When it is time for his parole hearing, he is surprised to find out his father is sitting on the board. John is also surprised that the hardened criminal, Bat Williams, and his son Bob are one and the same. John is leaning to voting not to parole, but Williams threatens him with letting the scandal about him becoming public knowledge. This would ruin Mildred's upcoming wedding. John relents and votes for parole, but not until he gets Williams word that he will leave the country once released. Instead of fleeing the country, he returns to Barlow, where he plans on robbing the payroll of Lettie's father's company. However, Detective Daniels follows Williams to the company at night, where he interrupts Williams in the process of the robbery. Williams turns the tables on Daniels and is about to shoot him, when John shows up. He had suspected his son might be up to something and had also followed him that night. To prevent his son from shooting Daniels, he is forced to shoot Williams himself.
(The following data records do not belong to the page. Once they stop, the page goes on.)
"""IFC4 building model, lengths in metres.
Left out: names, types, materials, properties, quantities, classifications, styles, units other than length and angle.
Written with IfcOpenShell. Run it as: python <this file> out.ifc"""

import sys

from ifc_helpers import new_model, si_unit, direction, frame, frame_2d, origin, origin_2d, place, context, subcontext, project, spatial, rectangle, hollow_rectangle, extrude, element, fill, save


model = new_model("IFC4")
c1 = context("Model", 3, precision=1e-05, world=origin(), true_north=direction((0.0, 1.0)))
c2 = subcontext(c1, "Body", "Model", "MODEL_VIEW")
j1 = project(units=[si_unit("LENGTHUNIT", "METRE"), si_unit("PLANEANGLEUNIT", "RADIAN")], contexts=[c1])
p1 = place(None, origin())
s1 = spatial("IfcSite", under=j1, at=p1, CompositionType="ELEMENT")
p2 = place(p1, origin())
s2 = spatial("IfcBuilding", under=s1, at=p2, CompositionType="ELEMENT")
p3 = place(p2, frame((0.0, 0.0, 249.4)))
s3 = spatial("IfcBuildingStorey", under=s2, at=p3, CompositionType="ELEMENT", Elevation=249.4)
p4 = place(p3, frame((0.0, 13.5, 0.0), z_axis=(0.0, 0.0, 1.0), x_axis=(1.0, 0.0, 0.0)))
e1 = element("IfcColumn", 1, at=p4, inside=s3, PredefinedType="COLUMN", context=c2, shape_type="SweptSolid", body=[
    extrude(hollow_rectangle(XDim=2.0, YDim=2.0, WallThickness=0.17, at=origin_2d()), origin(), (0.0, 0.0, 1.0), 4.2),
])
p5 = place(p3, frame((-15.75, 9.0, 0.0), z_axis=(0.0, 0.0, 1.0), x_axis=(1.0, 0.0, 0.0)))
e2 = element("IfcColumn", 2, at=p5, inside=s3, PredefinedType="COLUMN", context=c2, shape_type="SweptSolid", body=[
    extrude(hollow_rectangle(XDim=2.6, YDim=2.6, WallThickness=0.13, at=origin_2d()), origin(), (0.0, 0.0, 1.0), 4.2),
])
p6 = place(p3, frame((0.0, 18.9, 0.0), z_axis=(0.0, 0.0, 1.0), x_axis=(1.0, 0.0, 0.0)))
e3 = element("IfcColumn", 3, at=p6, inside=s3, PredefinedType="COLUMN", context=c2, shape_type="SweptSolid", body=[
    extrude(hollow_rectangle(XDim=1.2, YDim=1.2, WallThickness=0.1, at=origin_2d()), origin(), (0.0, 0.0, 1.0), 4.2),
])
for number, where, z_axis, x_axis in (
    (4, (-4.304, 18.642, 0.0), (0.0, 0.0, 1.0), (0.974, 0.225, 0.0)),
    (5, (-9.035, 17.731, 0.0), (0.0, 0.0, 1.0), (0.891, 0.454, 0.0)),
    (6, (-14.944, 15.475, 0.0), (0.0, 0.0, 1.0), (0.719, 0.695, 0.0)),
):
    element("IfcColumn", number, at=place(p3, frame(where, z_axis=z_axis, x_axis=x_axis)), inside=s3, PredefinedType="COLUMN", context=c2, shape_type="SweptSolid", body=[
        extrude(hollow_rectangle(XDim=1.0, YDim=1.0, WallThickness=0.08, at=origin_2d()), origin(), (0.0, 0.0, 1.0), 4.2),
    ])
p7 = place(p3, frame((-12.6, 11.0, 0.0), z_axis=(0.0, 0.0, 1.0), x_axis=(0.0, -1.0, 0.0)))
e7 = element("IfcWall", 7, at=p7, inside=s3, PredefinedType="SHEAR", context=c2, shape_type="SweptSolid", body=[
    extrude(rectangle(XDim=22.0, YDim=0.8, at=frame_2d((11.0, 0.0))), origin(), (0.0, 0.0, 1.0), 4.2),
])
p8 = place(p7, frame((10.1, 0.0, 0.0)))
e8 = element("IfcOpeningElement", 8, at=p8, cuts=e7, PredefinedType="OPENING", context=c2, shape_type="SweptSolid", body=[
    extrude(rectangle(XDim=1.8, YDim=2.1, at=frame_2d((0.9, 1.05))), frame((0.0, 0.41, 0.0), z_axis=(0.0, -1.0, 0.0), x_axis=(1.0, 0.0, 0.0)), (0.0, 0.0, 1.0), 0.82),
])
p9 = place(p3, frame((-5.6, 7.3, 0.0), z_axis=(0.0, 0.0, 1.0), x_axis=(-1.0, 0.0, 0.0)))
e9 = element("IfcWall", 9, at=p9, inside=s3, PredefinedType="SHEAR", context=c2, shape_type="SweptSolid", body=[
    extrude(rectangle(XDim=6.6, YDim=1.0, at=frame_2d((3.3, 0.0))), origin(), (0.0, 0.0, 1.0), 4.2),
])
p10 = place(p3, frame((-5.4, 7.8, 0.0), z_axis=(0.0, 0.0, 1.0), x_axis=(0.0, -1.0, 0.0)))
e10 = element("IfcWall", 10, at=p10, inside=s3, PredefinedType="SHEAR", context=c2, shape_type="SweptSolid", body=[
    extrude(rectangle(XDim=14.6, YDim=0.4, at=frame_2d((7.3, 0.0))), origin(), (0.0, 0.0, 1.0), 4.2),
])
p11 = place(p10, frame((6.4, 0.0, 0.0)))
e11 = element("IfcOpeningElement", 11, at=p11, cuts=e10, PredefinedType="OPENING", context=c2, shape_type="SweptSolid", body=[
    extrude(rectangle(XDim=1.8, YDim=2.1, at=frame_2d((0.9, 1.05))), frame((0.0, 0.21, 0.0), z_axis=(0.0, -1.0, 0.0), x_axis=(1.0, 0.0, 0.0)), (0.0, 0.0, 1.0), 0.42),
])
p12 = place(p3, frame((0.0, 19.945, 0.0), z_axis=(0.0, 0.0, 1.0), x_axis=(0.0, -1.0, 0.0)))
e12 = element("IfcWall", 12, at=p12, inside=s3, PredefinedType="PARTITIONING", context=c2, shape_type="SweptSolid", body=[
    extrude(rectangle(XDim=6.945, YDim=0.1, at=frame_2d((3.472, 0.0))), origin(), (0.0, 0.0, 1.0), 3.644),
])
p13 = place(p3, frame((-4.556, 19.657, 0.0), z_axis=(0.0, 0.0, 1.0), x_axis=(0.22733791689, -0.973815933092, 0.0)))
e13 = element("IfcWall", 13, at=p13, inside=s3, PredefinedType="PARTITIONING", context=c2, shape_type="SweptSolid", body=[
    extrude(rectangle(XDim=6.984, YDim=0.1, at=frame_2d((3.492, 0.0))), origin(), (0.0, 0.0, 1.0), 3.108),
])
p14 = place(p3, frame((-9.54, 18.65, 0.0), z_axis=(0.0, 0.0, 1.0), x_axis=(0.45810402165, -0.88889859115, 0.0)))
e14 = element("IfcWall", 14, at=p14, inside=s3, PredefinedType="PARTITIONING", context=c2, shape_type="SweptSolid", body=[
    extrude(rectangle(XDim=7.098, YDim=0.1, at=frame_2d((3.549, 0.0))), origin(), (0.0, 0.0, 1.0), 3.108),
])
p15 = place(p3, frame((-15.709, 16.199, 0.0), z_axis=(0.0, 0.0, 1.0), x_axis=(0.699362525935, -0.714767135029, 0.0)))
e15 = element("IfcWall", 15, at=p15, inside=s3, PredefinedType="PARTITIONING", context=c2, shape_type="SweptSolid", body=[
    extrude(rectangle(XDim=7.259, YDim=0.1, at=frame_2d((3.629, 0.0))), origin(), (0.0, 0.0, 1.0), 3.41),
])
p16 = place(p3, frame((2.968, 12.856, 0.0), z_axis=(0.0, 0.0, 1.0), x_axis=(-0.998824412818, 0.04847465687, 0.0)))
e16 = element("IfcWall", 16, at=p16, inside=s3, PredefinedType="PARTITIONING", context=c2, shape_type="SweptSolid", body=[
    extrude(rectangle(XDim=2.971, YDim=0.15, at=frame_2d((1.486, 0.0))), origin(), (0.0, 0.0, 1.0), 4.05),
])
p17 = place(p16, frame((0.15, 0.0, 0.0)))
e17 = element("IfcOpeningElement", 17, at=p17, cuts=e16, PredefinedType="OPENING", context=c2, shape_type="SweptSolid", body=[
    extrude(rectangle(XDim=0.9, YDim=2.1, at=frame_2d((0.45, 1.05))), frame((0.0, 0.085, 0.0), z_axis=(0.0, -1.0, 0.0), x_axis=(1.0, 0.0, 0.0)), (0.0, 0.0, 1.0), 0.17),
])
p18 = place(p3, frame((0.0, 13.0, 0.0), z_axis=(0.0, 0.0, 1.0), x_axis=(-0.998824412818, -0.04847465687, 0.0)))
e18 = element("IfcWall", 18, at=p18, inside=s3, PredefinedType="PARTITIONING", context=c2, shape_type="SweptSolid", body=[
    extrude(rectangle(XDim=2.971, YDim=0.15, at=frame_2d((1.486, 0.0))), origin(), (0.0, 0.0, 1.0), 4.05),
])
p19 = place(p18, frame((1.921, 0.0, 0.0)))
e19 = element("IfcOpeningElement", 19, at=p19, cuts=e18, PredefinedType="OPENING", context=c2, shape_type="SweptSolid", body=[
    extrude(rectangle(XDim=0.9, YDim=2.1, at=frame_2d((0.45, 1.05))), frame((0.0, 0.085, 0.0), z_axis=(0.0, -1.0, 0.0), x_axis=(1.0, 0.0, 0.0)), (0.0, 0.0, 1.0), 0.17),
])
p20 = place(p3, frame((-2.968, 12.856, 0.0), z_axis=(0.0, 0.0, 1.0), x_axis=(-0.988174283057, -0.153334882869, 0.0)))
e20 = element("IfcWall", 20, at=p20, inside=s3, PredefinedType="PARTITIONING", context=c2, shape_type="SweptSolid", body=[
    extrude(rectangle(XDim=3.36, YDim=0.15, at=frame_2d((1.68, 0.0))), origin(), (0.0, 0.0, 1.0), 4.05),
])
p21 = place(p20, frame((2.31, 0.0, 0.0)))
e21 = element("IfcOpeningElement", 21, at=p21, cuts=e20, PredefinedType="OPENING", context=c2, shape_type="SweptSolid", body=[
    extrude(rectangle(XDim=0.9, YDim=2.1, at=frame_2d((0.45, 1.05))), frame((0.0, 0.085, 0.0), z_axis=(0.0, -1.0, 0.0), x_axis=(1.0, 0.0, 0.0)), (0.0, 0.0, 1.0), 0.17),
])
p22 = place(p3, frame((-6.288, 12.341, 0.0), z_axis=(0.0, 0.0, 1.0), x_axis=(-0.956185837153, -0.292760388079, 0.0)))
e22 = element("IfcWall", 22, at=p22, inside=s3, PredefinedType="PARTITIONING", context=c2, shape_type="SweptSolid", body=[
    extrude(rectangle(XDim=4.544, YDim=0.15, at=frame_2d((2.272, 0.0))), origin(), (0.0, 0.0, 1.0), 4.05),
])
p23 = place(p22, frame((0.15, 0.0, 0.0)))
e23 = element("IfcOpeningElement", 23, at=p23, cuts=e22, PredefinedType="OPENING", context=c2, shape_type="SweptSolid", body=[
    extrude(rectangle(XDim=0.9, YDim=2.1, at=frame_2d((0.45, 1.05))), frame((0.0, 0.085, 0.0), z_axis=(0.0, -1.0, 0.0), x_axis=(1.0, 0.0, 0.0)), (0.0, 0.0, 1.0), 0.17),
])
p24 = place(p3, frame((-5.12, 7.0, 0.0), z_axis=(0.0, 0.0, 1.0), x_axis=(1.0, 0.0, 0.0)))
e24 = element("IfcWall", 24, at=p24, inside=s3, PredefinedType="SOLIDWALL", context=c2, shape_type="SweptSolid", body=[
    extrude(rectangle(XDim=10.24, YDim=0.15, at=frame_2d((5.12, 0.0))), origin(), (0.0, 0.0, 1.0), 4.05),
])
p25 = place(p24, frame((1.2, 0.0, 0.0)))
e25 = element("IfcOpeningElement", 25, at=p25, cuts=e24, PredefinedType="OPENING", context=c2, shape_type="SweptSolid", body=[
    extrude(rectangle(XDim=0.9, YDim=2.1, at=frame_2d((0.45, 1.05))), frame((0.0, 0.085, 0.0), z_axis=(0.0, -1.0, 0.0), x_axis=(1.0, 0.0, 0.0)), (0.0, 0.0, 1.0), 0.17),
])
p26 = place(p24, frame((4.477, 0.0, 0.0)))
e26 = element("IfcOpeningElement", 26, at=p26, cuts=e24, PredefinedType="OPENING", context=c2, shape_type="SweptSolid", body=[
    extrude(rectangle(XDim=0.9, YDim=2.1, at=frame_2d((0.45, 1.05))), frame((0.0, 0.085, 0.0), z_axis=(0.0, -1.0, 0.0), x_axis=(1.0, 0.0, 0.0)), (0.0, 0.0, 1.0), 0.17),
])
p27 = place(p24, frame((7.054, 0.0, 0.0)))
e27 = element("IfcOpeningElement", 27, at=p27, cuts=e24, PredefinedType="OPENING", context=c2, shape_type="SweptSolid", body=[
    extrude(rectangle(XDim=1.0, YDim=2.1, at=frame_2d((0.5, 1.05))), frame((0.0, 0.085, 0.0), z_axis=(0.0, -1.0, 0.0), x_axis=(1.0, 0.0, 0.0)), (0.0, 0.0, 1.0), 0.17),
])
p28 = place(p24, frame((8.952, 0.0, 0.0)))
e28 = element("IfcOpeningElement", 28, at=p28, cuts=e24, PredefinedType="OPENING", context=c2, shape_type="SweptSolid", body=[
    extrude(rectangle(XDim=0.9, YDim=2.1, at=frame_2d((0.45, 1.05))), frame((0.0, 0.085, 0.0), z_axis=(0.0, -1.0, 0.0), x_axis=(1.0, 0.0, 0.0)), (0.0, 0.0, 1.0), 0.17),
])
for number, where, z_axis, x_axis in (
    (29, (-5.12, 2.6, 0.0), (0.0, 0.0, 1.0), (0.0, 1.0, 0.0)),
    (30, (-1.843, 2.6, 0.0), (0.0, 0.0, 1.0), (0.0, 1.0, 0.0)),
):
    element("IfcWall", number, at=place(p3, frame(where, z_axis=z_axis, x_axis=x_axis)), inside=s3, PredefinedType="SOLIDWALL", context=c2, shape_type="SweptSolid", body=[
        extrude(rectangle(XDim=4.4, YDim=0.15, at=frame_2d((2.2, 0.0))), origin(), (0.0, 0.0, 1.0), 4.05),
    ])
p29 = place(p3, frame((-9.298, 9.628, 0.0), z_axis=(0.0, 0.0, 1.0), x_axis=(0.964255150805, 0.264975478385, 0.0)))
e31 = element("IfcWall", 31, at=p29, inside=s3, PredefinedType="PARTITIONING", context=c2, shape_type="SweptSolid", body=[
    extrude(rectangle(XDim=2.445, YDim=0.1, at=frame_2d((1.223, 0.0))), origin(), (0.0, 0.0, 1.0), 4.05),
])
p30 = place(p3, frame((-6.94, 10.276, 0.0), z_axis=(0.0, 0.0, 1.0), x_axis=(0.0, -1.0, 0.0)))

Daniels takes Williams away, so John won't have to see his son die. John keeps the secret of Bob's life and death hidden from the rest of the family.

==Cast==
- Lewis Stone as John Webster
- James Gleason as Daniels
- Bruce Cabot as Bat Williams, alias of Bob Webster
- Louise Latimer as Letty Graves
- Betty Grable as Mildred Webster
- Grace Bradley as Grace Forbes
- Nella Walker as Helen Webster
- Frank M. Thomas as Attorney Pierce
- Harry Jans as Vic
- John Arledge as Walter
- Frank Jenks as Pete
- Maxine Jennings as Nellie
- Gordon Jones as Joe
- Addison Randall as Al - Henchman

(cast list as per AFI database)

==Production==
In April 1936 it was announced that Don't Turn 'Em Loose was scheduled to begin production on May 15, with Robert Sisk as the supervising producer. That same month RKO announced that it had assigned Ben Stoloff to direct, based on the original story by Ferdinand Reyher. Production was delayed, and filming eventually began on June 15. Several of the cast were made known in the first week of July, after production had already begun. Bruce Cabot was given the lead role of Bob Webster, while Lewis Stone was loaned by MGM for the other lead, that of his father, John Webster. At the same time, Harry Jans and Maxine Jennings were also announced as part of the cast, as well as Arthur Hoyt and Fern Emmett, although the American Film Institute did not confirm the latter two actually appeared in the film. However, Hoyt and Emmett do appear in cast lists from contemporaneous sources such as Photoplay and Variety. On July 15, Grace Bradley's involvement in the film was revealed. On the same day, it was also announced that John Arledge had been added to the cast, and in the same announcement it was also learned that James Gleason, Betty Grable, Louise Latimer, and Gordon Jones were also members of the production. The Film Daily announced on July 29 that Carol Nye, who was an editor for the Los Angeles Times, covering the radio industry, would be appearing in the film in a small role, although he does not appear in AFI's cast list. The film was in production during June and July 1936. It was originally scheduled for release on September 25, but was released a week earlier, on September 18. Its release in Ohio was held up due to the Ohio Board of Censors. Initially, the film underwent significant edits, where every murder scene was excised from the picture. However, by the end of September, a court ordered the removed segments returned to film, and after some slight edits, it was released in Ohio in early October. The National Legion of Decency did not approve the film for general audiences, instead approving it only for adults, categorizing it "A-2".

==Reception==
Harrison's Reports gave the film a positive review, enjoying the constant suspense and drama, which was unrelieved by any comedy. They called Don't Turn 'Em Loose a "forceful melodrama," and said it was a powerful commentary serving "...as an indictment against the inadequate parole system that now exists [then existed]." The Film Daily also enjoyed the suspense, adding that the picture was also full of action. The said it was full of surprises and called it a "strong gangster picture." The Motion Picture Herald enjoyed the performances of the cast, calling Cabot's portrayal "outstanding," and also singling out James Gleason and Lewis Stone.